Whether you are installing a new patio or want to lay something over your existing patio, patio pavers are a good option. If you are installing a new patio, you can choose pavers in stone, brick, and many other materials. Some paver materials are naturally non-slip due to their textured surface, and some can be coated with a non-slip spray. If you have an existing patio you don’t want to rip up, interlocking elastic or rubber pavers can be laid on top of it to give you a non-slip surface.

Best for: Backyards and front steps/front entries. Rubber or elastic pavers can even be laid in a path from your car or garage to your front door or around any areas in the backyard that you need extra grip on.

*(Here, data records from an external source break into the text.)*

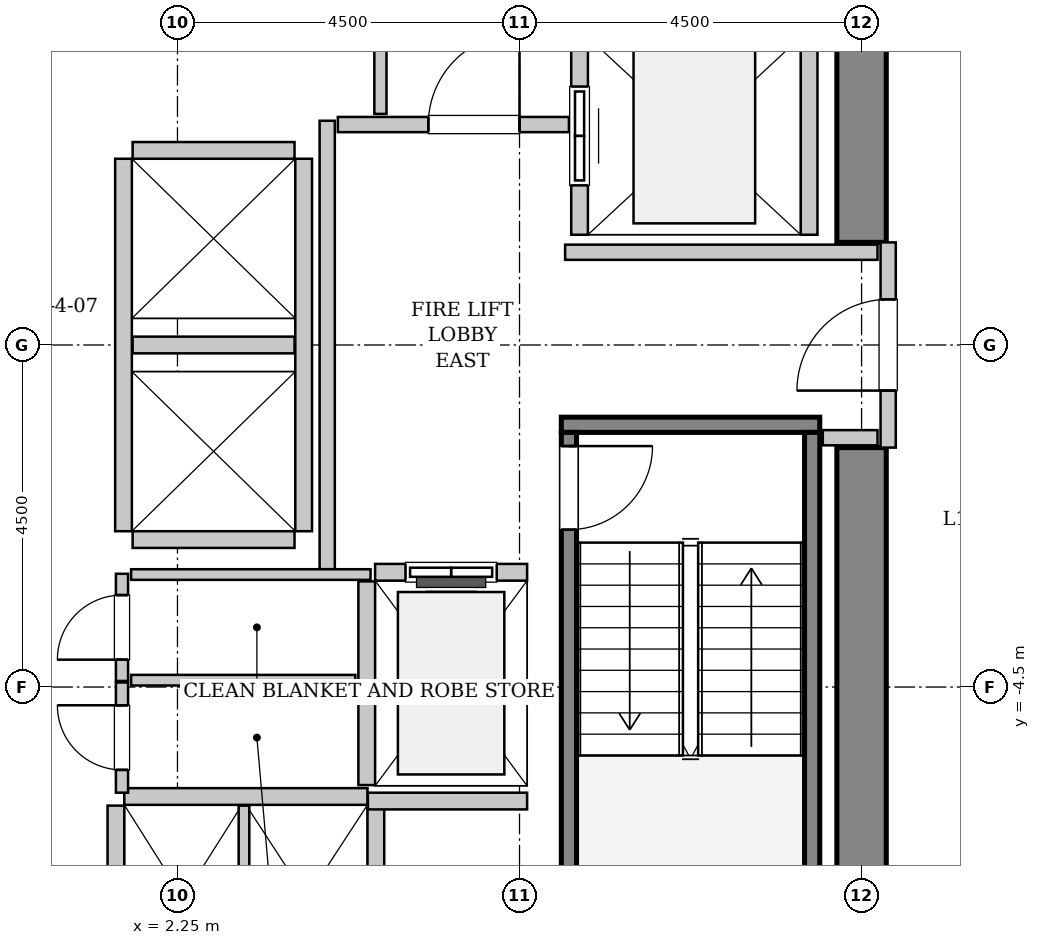
"""IFC4 building model, lengths in metres.
Left out: names, types, materials, properties, quantities, classifications, styles, units other than length and angle.
Written with IfcOpenShell. Run it as: python <this file> out.ifc"""

import sys

from ifc_helpers import new_model, si_unit, direction, frame, frame_2d, origin, place, context, subcontext, project, spatial, rectangle, extrude, source, transform, mapped, element, fill, save


model = new_model("IFC4")
c1 = context("Model", 3, precision=1e-05, world=origin(), true_north=direction((0.0, 1.0)))
c2 = subcontext(c1, "Body", "Model", "MODEL_VIEW")
j1 = project(units=[si_unit("LENGTHUNIT", "METRE"), si_unit("PLANEANGLEUNIT", "RADIAN")], contexts=[c1])
p1 = place(None, origin())
s1 = spatial("IfcSite", under=j1, at=p1, CompositionType="ELEMENT")
p2 = place(p1, origin())
s2 = spatial("IfcBuilding", under=s1, at=p2, CompositionType="ELEMENT")
p3 = place(p2, frame((0.0, 0.0, 55.8)))
s3 = spatial("IfcBuildingStorey", under=s2, at=p3, CompositionType="ELEMENT", Elevation=55.8)
m1 = source(origin(), c2, "Body", "SweptSolid", [
    extrude(rectangle(XDim=7.325, YDim=0.65, at=frame_2d((3.663, 0.0))), origin(), (0.0, 0.0, 1.0), 3.8),
])
for number, where, z_axis, x_axis in (
    (1, (11.25, -8.675, 0.0), (0.0, 0.0, 1.0), (0.0, 1.0, 0.0)),
    (2, (11.25, 1.35, 0.0), (0.0, 0.0, 1.0), (0.0, 1.0, 0.0)),
):
    element("IfcWall", number, at=place(p3, frame(where, z_axis=z_axis, x_axis=x_axis)), inside=s3, PredefinedType="SHEAR", context=c2, shape_type="MappedRepresentation", body=[
        mapped(m1, transform((0.0, 0.0, 0.0), x_axis=(1.0, 0.0, 0.0), y_axis=(0.0, 1.0, 0.0), z_axis=(0.0, 0.0, 1.0), scale=1.0)),
    ])
m2 = source(origin(), c2, "Body", "SweptSolid", [
    extrude(rectangle(XDim=3.4, YDim=0.2, at=frame_2d((1.7, 0.0))), origin(), (0.0, 0.0, 1.0), 3.8),
])
p4 = place(p3, frame((7.3, -1.05, 0.0), z_axis=(0.0, 0.0, 1.0), x_axis=(1.0, 0.0, 0.0)))
e3 = element("IfcWall", 3, at=p4, inside=s3, PredefinedType="SOLIDWALL", context=c2, shape_type="MappedRepresentation", body=[
    mapped(m2, transform((0.0, 0.0, 0.0), x_axis=(1.0, 0.0, 0.0), y_axis=(0.0, 1.0, 0.0), z_axis=(0.0, 0.0, 1.0), scale=1.0)),
])
m3 = source(origin(), c2, "Body", "SweptSolid", [
    extrude(rectangle(XDim=7.1, YDim=0.2, at=frame_2d((3.55, 0.0))), origin(), (0.0, 0.0, 1.0), 3.8),
])
p5 = place(p3, frame((7.4, -1.15, 0.0), z_axis=(0.0, 0.0, 1.0), x_axis=(0.0, -1.0, 0.0)))
e4 = element("IfcWall", 4, at=p5, inside=s3, PredefinedType="SOLIDWALL", context=c2, shape_type="MappedRepresentation", body=[
    mapped(m3, transform((0.0, 0.0, 0.0), x_axis=(1.0, 0.0, 0.0), y_axis=(0.0, 1.0, 0.0), z_axis=(0.0, 0.0, 1.0), scale=1.0)),
])
p6 = place(p5, frame((0.18, 0.0, 0.0)))
e5 = element("IfcOpeningElement", 5, at=p6, cuts=e4, PredefinedType="OPENING", context=c2, shape_type="SweptSolid", body=[
    extrude(rectangle(XDim=1.1, YDim=2.15, at=frame_2d((0.55, 1.075))), frame((0.0, 0.11, 0.0), z_axis=(0.0, -1.0, 0.0), x_axis=(1.0, 0.0, 0.0)), (0.0, 0.0, 1.0), 0.22),
])
p7 = place(p3, frame((10.6, -1.15, 0.0), z_axis=(0.0, 0.0, 1.0), x_axis=(0.0, -1.0, 0.0)))
e6 = element("IfcWall", 6, at=p7, inside=s3, PredefinedType="SOLIDWALL", context=c2, shape_type="MappedRepresentation", body=[
    mapped(m3, transform((0.0, 0.0, 0.0), x_axis=(1.0, 0.0, 0.0), y_axis=(0.0, 1.0, 0.0), z_axis=(0.0, 0.0, 1.0), scale=1.0)),
])
m4 = source(origin(), c2, "Body", "SweptSolid", [
    extrude(rectangle(XDim=2.0, YDim=0.22, at=frame_2d((1.0, 0.0))), origin(), (0.0, 0.0, 1.0), 3.535),
])
p8 = place(p3, frame((6.85, -2.99, 0.0), z_axis=(0.0, 0.0, 1.0), x_axis=(-1.0, 0.0, 0.0)))
e7 = element("IfcWall", 7, at=p8, inside=s3, PredefinedType="SOLIDWALL", context=c2, shape_type="MappedRepresentation", body=[
    mapped(m4, transform((0.0, 0.0, 0.0), x_axis=(1.0, 0.0, 0.0), y_axis=(0.0, 1.0, 0.0), z_axis=(0.0, 0.0, 1.0), scale=1.0)),
])
p9 = place(p8, frame((0.4, 0.0, 0.0)))
e8 = element("IfcOpeningElement", 8, at=p9, cuts=e7, PredefinedType="OPENING", context=c2, shape_type="SweptSolid", body=[
    extrude(rectangle(XDim=1.2, YDim=2.2, at=frame_2d((0.6, 1.1))), frame((0.0, 0.12, 0.0), z_axis=(0.0, -1.0, 0.0), x_axis=(1.0, 0.0, 0.0)), (0.0, 0.0, 1.0), 0.24),
])
m5 = source(origin(), c2, "Body", "SweptSolid", [
    extrude(rectangle(XDim=2.68, YDim=0.22, at=frame_2d((1.34, 0.0))), origin(), (0.0, 0.0, 1.0), 3.535),
])
p10 = place(p3, frame((4.74, -3.11, 0.0), z_axis=(0.0, 0.0, 1.0), x_axis=(0.0, -1.0, 0.0)))
e9 = element("IfcWall", 9, at=p10, inside=s3, PredefinedType="SOLIDWALL", context=c2, shape_type="MappedRepresentation", body=[
    mapped(m5, transform((0.0, 0.0, 0.0), x_axis=(1.0, 0.0, 0.0), y_axis=(0.0, 1.0, 0.0), z_axis=(0.0, 0.0, 1.0), scale=1.0)),
])
m6 = source(origin(), c2, "Body", "SweptSolid", [
    extrude(rectangle(XDim=5.45, YDim=0.22, at=frame_2d((2.725, 0.0))), origin(), (0.0, 0.0, 1.0), 3.535),
])
p11 = place(p3, frame((7.54, 6.9, 0.0), z_axis=(0.0, 0.0, 1.0), x_axis=(0.0, -1.0, 0.0)))
e10 = element("IfcWall", 10, at=p11, inside=s3, PredefinedType="SOLIDWALL", context=c2, shape_type="MappedRepresentation", body=[
    mapped(m6, transform((0.0, 0.0, 0.0), x_axis=(1.0, 0.0, 0.0), y_axis=(0.0, 1.0, 0.0), z_axis=(0.0, 0.0, 1.0), scale=1.0)),
])
p12 = place(p11, frame((3.5, 0.0, 0.0)))
e11 = element("IfcOpeningElement", 11, at=p12, cuts=e10, PredefinedType="OPENING", context=c2, shape_type="SweptSolid", body=[
    extrude(rectangle(XDim=1.3, YDim=2.3, at=frame_2d((0.65, 1.15))), frame((0.0, 0.12, 0.0), z_axis=(0.0, -1.0, 0.0), x_axis=(1.0, 0.0, 0.0)), (0.0, 0.0, 1.0), 0.24),
])
p13 = place(p11, frame((0.65, 0.0, 0.0)))
e12 = element("IfcOpeningElement", 12, at=p13, cuts=e10, PredefinedType="OPENING", context=c2, shape_type="SweptSolid", body=[
    extrude(rectangle(XDim=1.3, YDim=2.3, at=frame_2d((0.65, 1.15))), frame((0.0, 0.12, 0.0), z_axis=(0.0, -1.0, 0.0), x_axis=(1.0, 0.0, 0.0)), (0.0, 0.0, 1.0), 0.24),
])
p14 = place(p3, frame((10.56, 1.45, 0.0), z_axis=(0.0, 0.0, 1.0), x_axis=(0.0, 1.0, 0.0)))
e13 = element("IfcWall", 13, at=p14, inside=s3, PredefinedType="SOLIDWALL", context=c2, shape_type="MappedRepresentation", body=[
    mapped(m6, transform((0.0, 0.0, 0.0), x_axis=(1.0, 0.0, 0.0), y_axis=(0.0, 1.0, 0.0), z_axis=(0.0, 0.0, 1.0), scale=1.0)),
])
m7 = source(origin(), c2, "Body", "SweptSolid", [
    extrude(rectangle(XDim=3.2, YDim=0.22, at=frame_2d((1.6, 0.0))), origin(), (0.0, 0.0, 1.0), 3.535),
])
p15 = place(p3, frame((4.75, -5.94, 0.0), z_axis=(0.0, 0.0, 1.0), x_axis=(-1.0, 0.0, 0.0)))
e14 = element("IfcWall", 14, at=p15, inside=s3, PredefinedType="SOLIDWALL", context=c2, shape_type="MappedRepresentation", body=[
    mapped(m7, transform((0.0, 0.0, 0.0), x_axis=(1.0, 0.0, 0.0), y_axis=(0.0, 1.0, 0.0), z_axis=(0.0, 0.0, 1.0), scale=1.0)),
])
m8 = source(origin(), c2, "Body", "SweptSolid", [
    extrude(rectangle(XDim=2.43, YDim=0.22, at=frame_2d((1.215, 0.0))), origin(), (0.0, 0.0, 1.0), 3.535),
])
p16 = place(p3, frame((1.44, -6.06, 0.0), z_axis=(0.0, 0.0, 1.0), x_axis=(0.0, -1.0, 0.0)))
e15 = element("IfcWall", 15, at=p16, inside=s3, PredefinedType="SOLIDWALL", context=c2, shape_type="MappedRepresentation", body=[
    mapped(m8, transform((0.0, 0.0, 0.0), x_axis=(1.0, 0.0, 0.0), y_axis=(0.0, 1.0, 0.0), z_axis=(0.0, 0.0, 1.0), scale=1.0)),
])
m9 = source(origin(), c2, "Body", "SweptSolid", [
    extrude(rectangle(XDim=2.43, YDim=0.14, at=frame_2d((1.215, 0.0))), origin(), (0.0, 0.0, 1.0), 3.535),
])
p17 = place(p3, frame((3.125, -8.49, 0.0), z_axis=(0.0, 0.0, 1.0), x_axis=(0.0, 1.0, 0.0)))
e16 = element("IfcWall", 16, at=p17, inside=s3, PredefinedType="PARTITIONING", context=c2, shape_type="MappedRepresentation", body=[
    mapped(m9, transform((0.0, 0.0, 0.0), x_axis=(1.0, 0.0, 0.0), y_axis=(0.0, 1.0, 0.0), z_axis=(0.0, 0.0, 1.0), scale=1.0)),
])
p18 = place(p3, frame((4.86, -8.49, 0.0), z_axis=(0.0, 0.0, 1.0), x_axis=(0.0, 1.0, 0.0)))
e17 = element("IfcWall", 17, at=p18, inside=s3, PredefinedType="SOLIDWALL", context=c2, shape_type="MappedRepresentation", body=[
    mapped(m8, transform((0.0, 0.0, 0.0), x_axis=(1.0, 0.0, 0.0), y_axis=(0.0, 1.0, 0.0), z_axis=(0.0, 0.0, 1.0), scale=1.0)),
])
m10 = source(origin(), c2, "Body", "SweptSolid", [
    extrude(rectangle(XDim=4.9, YDim=0.22, at=frame_2d((2.45, 0.0))), origin(), (0.0, 0.0, 1.0), 3.535),
])
for number, where, z_axis, x_axis in (
    (18, (1.54, 2.45, 0.0), (0.0, 0.0, 1.0), (0.0, -1.0, 0.0)),
    (19, (3.91, -2.45, 0.0), (0.0, 0.0, 1.0), (0.0, 1.0, 0.0)),
):
    element("IfcWall", number, at=place(p3, frame(where, z_axis=z_axis, x_axis=x_axis)), inside=s3, PredefinedType="SOLIDWALL", context=c2, shape_type="MappedRepresentation", body=[
        mapped(m10, transform((0.0, 0.0, 0.0), x_axis=(1.0, 0.0, 0.0), y_axis=(0.0, 1.0, 0.0), z_axis=(0.0, 0.0, 1.0), scale=1.0)),
    ])
m11 = source(origin(), c2, "Body", "SweptSolid", [
    extrude(rectangle(XDim=2.13, YDim=0.22, at=frame_2d((1.065, 0.0))), origin(), (0.0, 0.0, 1.0), 3.535),
])
for number, where, z_axis, x_axis in (
    (20, (1.66, -2.56, 0.0), (0.0, 0.0, 1.0), (1.0, 0.0, 0.0)),
    (21, (1.66, 0.0, 0.0), (0.0, 0.0, 1.0), (1.0, 0.0, 0.0)),
    (22, (3.79, 2.56, 0.0), (0.0, 0.0, 1.0), (-1.0, 0.0, 0.0)),
):
    element("IfcWall", number, at=place(p3, frame(where, z_axis=z_axis, x_axis=x_axis)), inside=s3, PredefinedType="SOLIDWALL", context=c2, shape_type="MappedRepresentation", body=[
        mapped(m11, transform((0.0, 0.0, 0.0), x_axis=(1.0, 0.0, 0.0), y_axis=(0.0, 1.0, 0.0), z_axis=(0.0, 0.0, 1.0), scale=1.0)),
    ])
m12 = source(origin(), c2, "Body", "SweptSolid", [
    extrude(rectangle(XDim=2.095, YDim=0.22, at=frame_2d((1.048, 0.0))), origin(), (0.0, 0.0, 1.0), 3.535),
])
p19 = place(p3, frame((4.755, -6.0, 0.0), z_axis=(0.0, 0.0, 1.0), x_axis=(1.0, 0.0, 0.0)))
e23 = element("IfcWall", 23, at=p19, inside=s3, PredefinedType="SOLIDWALL", context=c2, shape_type="MappedRepresentation", body=[
    mapped(m12, transform((0.0, 0.0, 0.0), x_axis=(1.0, 0.0, 0.0), y_axis=(0.0, 1.0, 0.0), z_axis=(0.0, 0.0, 1.0), scale=1.0)),
])
m13 = source(origin(), c2, "Body", "SweptSolid", [
    extrude(rectangle(XDim=2.7, YDim=0.2, at=frame_2d((1.35, 0.0))), origin(), (0.0, 0.0, 1.0), 2.425),
])
p20 = place(p3, frame((11.6, -1.35, 0.0), z_axis=(0.0, 0.0, 1.0), x_axis=(0.0, 1.0, 0.0)))
e24 = element("IfcWall", 24, at=p20, inside=s3, PredefinedType="PARTITIONING", context=c2, shape_type="MappedRepresentation", body=[
    mapped(m13, transform((0.0, 0.0, 0.0), x_axis=(1.0, 0.0, 0.0), y_axis=(0.0, 1.0, 0.0), z_axis=(0.0, 0.0, 1.0), scale=1.0)),
])
p21 = place(p20, frame((0.75, 0.0, 0.0)))
e25 = element("IfcOpeningElement", 25, at=p21, cuts=e24, PredefinedType="OPENING", context=c2, shape_type="SweptSolid", body=[
    extrude(rectangle(XDim=1.2, YDim=2.15, at=frame_2d((0.6, 1.075))), frame((0.0, 0.11, 0.0), z_axis=(0.0, -1.0, 0.0), x_axis=(1.0, 0.0, 0.0)), (0.0, 0.0, 1.0), 0.22),
])
m14 = source(origin(), c2, "Body", "SweptSolid", [
    extrude(rectangle(XDim=5.9, YDim=0.2, at=frame_2d((2.95, 0.0))), origin(), (0.0, 0.0, 1.0), 3.535),
])
p22 = place(p3, frame((4.22, -2.95, 0.0), z_axis=(0.0, 0.0, 1.0), x_axis=(0.0, 1.0, 0.0)))
e26 = element("IfcWall", 26, at=p22, inside=s3, PredefinedType="PARTITIONING", context=c2, shape_type="MappedRepresentation", body=[
    mapped(m14, transform((0.0, 0.0, 0.0), x_axis=(1.0, 0.0, 0.0), y_axis=(0.0, 1.0, 0.0), z_axis=(0.0, 0.0, 1.0), scale=1.0)),
])
m15 = source(origin(), c2, "Body", "SweptSolid", [
    extrude(rectangle(XDim=3.04, YDim=0.2, at=frame_2d((1.52, 0.0))), origin(), (0.0, 0.0, 1.0), 3.535),
])
p23 = place(p3, frame((4.36, 2.9, 0.0), z_axis=(0.0, 0.0, 1.0), x_axis=(1.0, 0.0, 0.0)))
e27 = element("IfcWall", 27, at=p23, inside=s3, PredefinedType="PARTITIONING", context=c2, shape_type="MappedRepresentation", body=[
    mapped(m15, transform((0.0, 0.0, 0.0), x_axis=(1.0, 0.0, 0.0), y_axis=(0.0, 1.0, 0.0), z_axis=(0.0, 0.0, 1.0), scale=1.0)),
])
p24 = place(p23, frame((1.19, 0.0, 0.0)))
e28 = element("IfcOpeningElement", 28, at=p24, cuts=e27, PredefinedType="OPENING", context=c2, shape_type="SweptSolid", body=[
    extrude(rectangle(XDim=1.2, YDim=2.15, at=frame_2d((0.6, 1.075))), frame((0.0, 0.11, 0.0), z_axis=(0.0, -1.0, 0.0), x_axis=(1.0, 0.0, 0.0)), (0.0, 0.0, 1.0), 0.22),
])
m16 = source(origin(), c2, "Body", "SweptSolid", [
    extrude(rectangle(XDim=4.11, YDim=0.2, at=frame_2d((2.055, 0.0))), origin(), (0.0, 0.0, 1.0), 3.535),
])
p25 = place(p3, frame((7.35, 1.22, 0.0), z_axis=(0.0, 0.0, 1.0), x_axis=(1.0, 0.0, 0.0)))
e29 = element("IfcWall", 29, at=p25, inside=s3, PredefinedType="PARTITIONING", context=c2, shape_type="MappedRepresentation", body=[
    mapped(m16, transform((0.0, 0.0, 0.0), x_axis=(1.0, 0.0, 0.0), y_axis=(0.0, 1.0, 0.0), z_axis=(0.0, 0.0, 1.0), scale=1.0)),
])
m17 = source(origin(), c2, "Body", "SweptSolid", [
    extrude(rectangle(XDim=0.72, YDim=0.2, at=frame_2d((0.36, 0.0))), origin(), (0.0, 0.0, 1.0), 3.535),
])
p26 = place(p3, frame((10.74, -1.22, 0.0), z_axis=(0.0, 0.0, 1.0), x_axis=(1.0, 0.0, 0.0)))
e30 = element("IfcWall", 30, at=p26, inside=s3, PredefinedType="PARTITIONING", context=c2, shape_type="MappedRepresentation", body=[
    mapped(m17, transform((0.0, 0.0, 0.0), x_axis=(1.0, 0.0, 0.0), y_axis=(0.0, 1.0, 0.0), z_axis=(0.0, 0.0, 1.0), scale=1.0)),
])
m18 = source(origin(), c2, "Body", "SweptSolid", [
    extrude(rectangle(XDim=3.015, YDim=0.16, at=frame_2d((1.507, 0.0))), origin(), (0.0, 0.0, 1.0), 3.535),
])
p27 = place(p3, frame((4.92, 3.04, 0.0), z_axis=(0.0, 0.0, 1.0), x_axis=(0.0, 1.0, 0.0)))
e31 = element("IfcWall", 31, at=p27, inside=s3, PredefinedType="PARTITIONING", context=c2, shape_type="MappedRepresentation", body=[
    mapped(m18, transform((0.0, 0.0, 0.0), x_axis=(1.0, 0.0, 0.0), y_axis=(0.0, 1.0, 0.0), z_axis=(0.0, 0.0, 1.0), scale=1.0)),
])
m19 = source(origin(), c2, "Body", "SweptSolid", [
    extrude(rectangle(XDim=1.41, YDim=0.16, at=frame_2d((0.705, 0.0))), origin(), (0.0, 0.0, 1.0), 3.535),
])
p28 = place(p3, frame((1.52, -4.42, 0.0), z_axis=(0.0, 0.0, 1.0), x_axis=(0.0, 1.0, 0.0)))
e32 = element("IfcWall", 32, at=p28, inside=s3, PredefinedType="PARTITIONING", context=c2, shape_type="MappedRepresentation", body=[
    mapped(m19, transform((0.0, 0.0, 0.0), x_axis=(1.0, 0.0, 0.0), y_axis=(0.0, 1.0, 0.0), z_axis=(0.0, 0.0, 1.0), scale=1.0)),
])
p29 = place(p28, frame((0.28, 0.0, 0.0)))
e33 = element("IfcOpeningElement", 33, at=p29, cuts=e32, PredefinedType="OPENING", context=c2, shape_type="SweptSolid", body=[
    extrude(rectangle(XDim=0.85, YDim=2.1, at=frame_2d((0.425, 1.05))), frame((0.0, 0.09, 0.0), z_axis=(0.0, -1.0, 0.0), x_axis=(1.0, 0.0, 0.0)), (0.0, 0.0, 1.0), 0.18),
])
m20 = source(origin(), c2, "Body", "SweptSolid", [
    extrude(rectangle(XDim=3.15, YDim=0.14, at=frame_2d((1.575, 0.0))), origin(), (0.0, 0.0, 1.0), 3.535),
])
p30 = place(p3, frame((1.64, -3.02, 0.0), z_axis=(0.0, 0.0, 1.0), x_axis=(1.0, 0.0, 0.0)))
e34 = element("IfcWall", 34, at=p30, inside=s3, PredefinedType="PARTITIONING", context=c2, shape_type="MappedRepresentation", body=[
    mapped(m20, transform((0.0, 0.0, 0.0), x_axis=(1.0, 0.0, 0.0), y_axis=(0.0, 1.0, 0.0), z_axis=(0.0, 0.0, 1.0), scale=1.0)),
])
m21 = source(origin(), c2, "Body", "SweptSolid", [
    extrude(rectangle(XDim=2.95, YDim=0.14, at=frame_2d((1.475, 0.0))), origin(), (0.0, 0.0, 1.0), 3.535),
])
p31 = place(p3, frame((1.64, -4.41, 0.0), z_axis=(0.0, 0.0, 1.0), x_axis=(1.0, 0.0, 0.0)))
e35 = element("IfcWall", 35, at=p31, inside=s3, PredefinedType="PARTITIONING", context=c2, shape_type="MappedRepresentation", body=[
    mapped(m21, transform((0.0, 0.0, 0.0), x_axis=(1.0, 0.0, 0.0), y_axis=(0.0, 1.0, 0.0), z_axis=(0.0, 0.0, 1.0), scale=1.0)),
])
m22 = source(origin(), c2, "Body", "SweptSolid", [
    extrude(rectangle(XDim=1.45, YDim=0.16, at=frame_2d((0.725, 0.0))), origin(), (0.0, 0.0, 1.0), 3.535),
])
p32 = place(p3, frame((1.52, -5.89, 0.0), z_axis=(0.0, 0.0, 1.0), x_axis=(0.0, 1.0, 0.0)))
e36 = element("IfcWall", 36, at=p32, inside=s3, PredefinedType="PARTITIONING", context=c2, shape_type="MappedRepresentation", body=[
    mapped(m22, transform((0.0, 0.0, 0.0), x_axis=(1.0, 0.0, 0.0), y_axis=(0.0, 1.0, 0.0), z_axis=(0.0, 0.0, 1.0), scale=1.0)),
])
p33 = place(p32, frame((0.3, 0.0, 0.0)))
e37 = element("IfcOpeningElement", 37, at=p33, cuts=e36, PredefinedType="OPENING", context=c2, shape_type="SweptSolid", body=[
    extrude(rectangle(XDim=0.85, YDim=2.1, at=frame_2d((0.425, 1.05))), frame((0.0, 0.09, 0.0), z_axis=(0.0, -1.0, 0.0), x_axis=(1.0, 0.0, 0.0)), (0.0, 0.0, 1.0), 0.18),
])
m23 = source(origin(), c2, "Body", "SweptSolid", [
    extrude(rectangle(XDim=1.1, YDim=2.15, at=frame_2d((0.55, 1.075))), frame((0.0, 0.025, 0.0), z_axis=(0.0, -1.0, 0.0), x_axis=(1.0, 0.0, 0.0)), (0.0, 0.0, 1.0), 0.05),
])
p34 = place(p6, origin())
e38 = element("IfcDoor", 38, at=p34, inside=s3, OperationType="SINGLE_SWING_LEFT", PredefinedType="DOOR", context=c2, shape_type="MappedRepresentation", body=[
    mapped(m23, transform((0.0, 0.0, 0.0), x_axis=(1.0, 0.0, 0.0), y_axis=(0.0, 1.0, 0.0), z_axis=(0.0, 0.0, 1.0), scale=1.0)),
])
fill(e5, e38)
m24 = source(origin(), c2, "Body", "SweptSolid", [
    extrude(rectangle(XDim=1.2, YDim=2.2, at=frame_2d((0.6, 1.1))), frame((0.0, 0.025, 0.0), z_axis=(0.0, -1.0, 0.0), x_axis=(1.0, 0.0, 0.0)), (0.0, 0.0, 1.0), 0.05),
])
p35 = place(p9, origin())
e39 = element("IfcDoor", 39, at=p35, inside=s3, OperationType="SLIDING_TO_LEFT", PredefinedType="DOOR", context=c2, shape_type="MappedRepresentation", body=[
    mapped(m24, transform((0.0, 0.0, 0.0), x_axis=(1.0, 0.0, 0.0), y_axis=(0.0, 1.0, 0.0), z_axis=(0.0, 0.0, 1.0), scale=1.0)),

How to Install: New patios using stone, brick, and other more permanent pavers will likely need to be installed by a contractor who can ensure the material is not going to move after being laid, though an experienced DIYer may be able to tackle the job, too. Rubber or elastic pavers can be laid yourself if you feel up to the project by interlocking the pavers directly on top of slippery areas.

Outdoor Tile

Outdoor Tile

Outdoor tile can be laid permanently or set atop particularly slippery areas.

  • Durable

  • Textured

  • Waterproof

Just like tile for indoors, non-slip outdoor tile can be made from (or resemble) stone and other natural materials. There is even non-slip outdoor tile made from porcelain. You can typically lay these large tiles in either small areas (like on top of grass or dirt) for a less slippery surface or place them more permanently, like installing them around the outside of a pool. If you are shopping for non-slip outdoor tile, look for something matte (typically, the shinier something is, the more slippery it is), and, as always, with a textured surface.

Best for: Any outdoor areas that most frequently get wet, like around a pool, an outdoor bar, or on top of slippery grass or dirt.

How to Install: These tiles are typically heavy, but if you are able to lift them, you can lay them on any solid, even, hard surface. If your surface is soft or uneven, then you may need extra help to get it level and ready. If you are installing outdoor tiles around a pool or somewhere else where it will be more permanent, you should call a contractor.

Other Tips for Preventing Slips and Falls

On top of installing non-slip flooring, there are other actions you can take as a homeowner to ensure that your home is safe:

  • Remove trip hazards, such as wayward boxes, wires and cords, and paperwork.
  • Open up tight spaces so that people have enough room to make turns and navigate between furniture.
  • Store frequently used items at a level that is comfortable for family members to reach.
  • Make sure that floorboards and carpeting are in good condition to avoid tripping.
  • Purchase area rugs and bath mats that are non-slip with grips on the side that is placed on the ground.
  • Consider buying rubber mats, stair treads, and anti-slip tape for any areas where you need extra grip or are worried about falling on.
  • Ensure that your home is well-lit so family members can avoid tripping over items.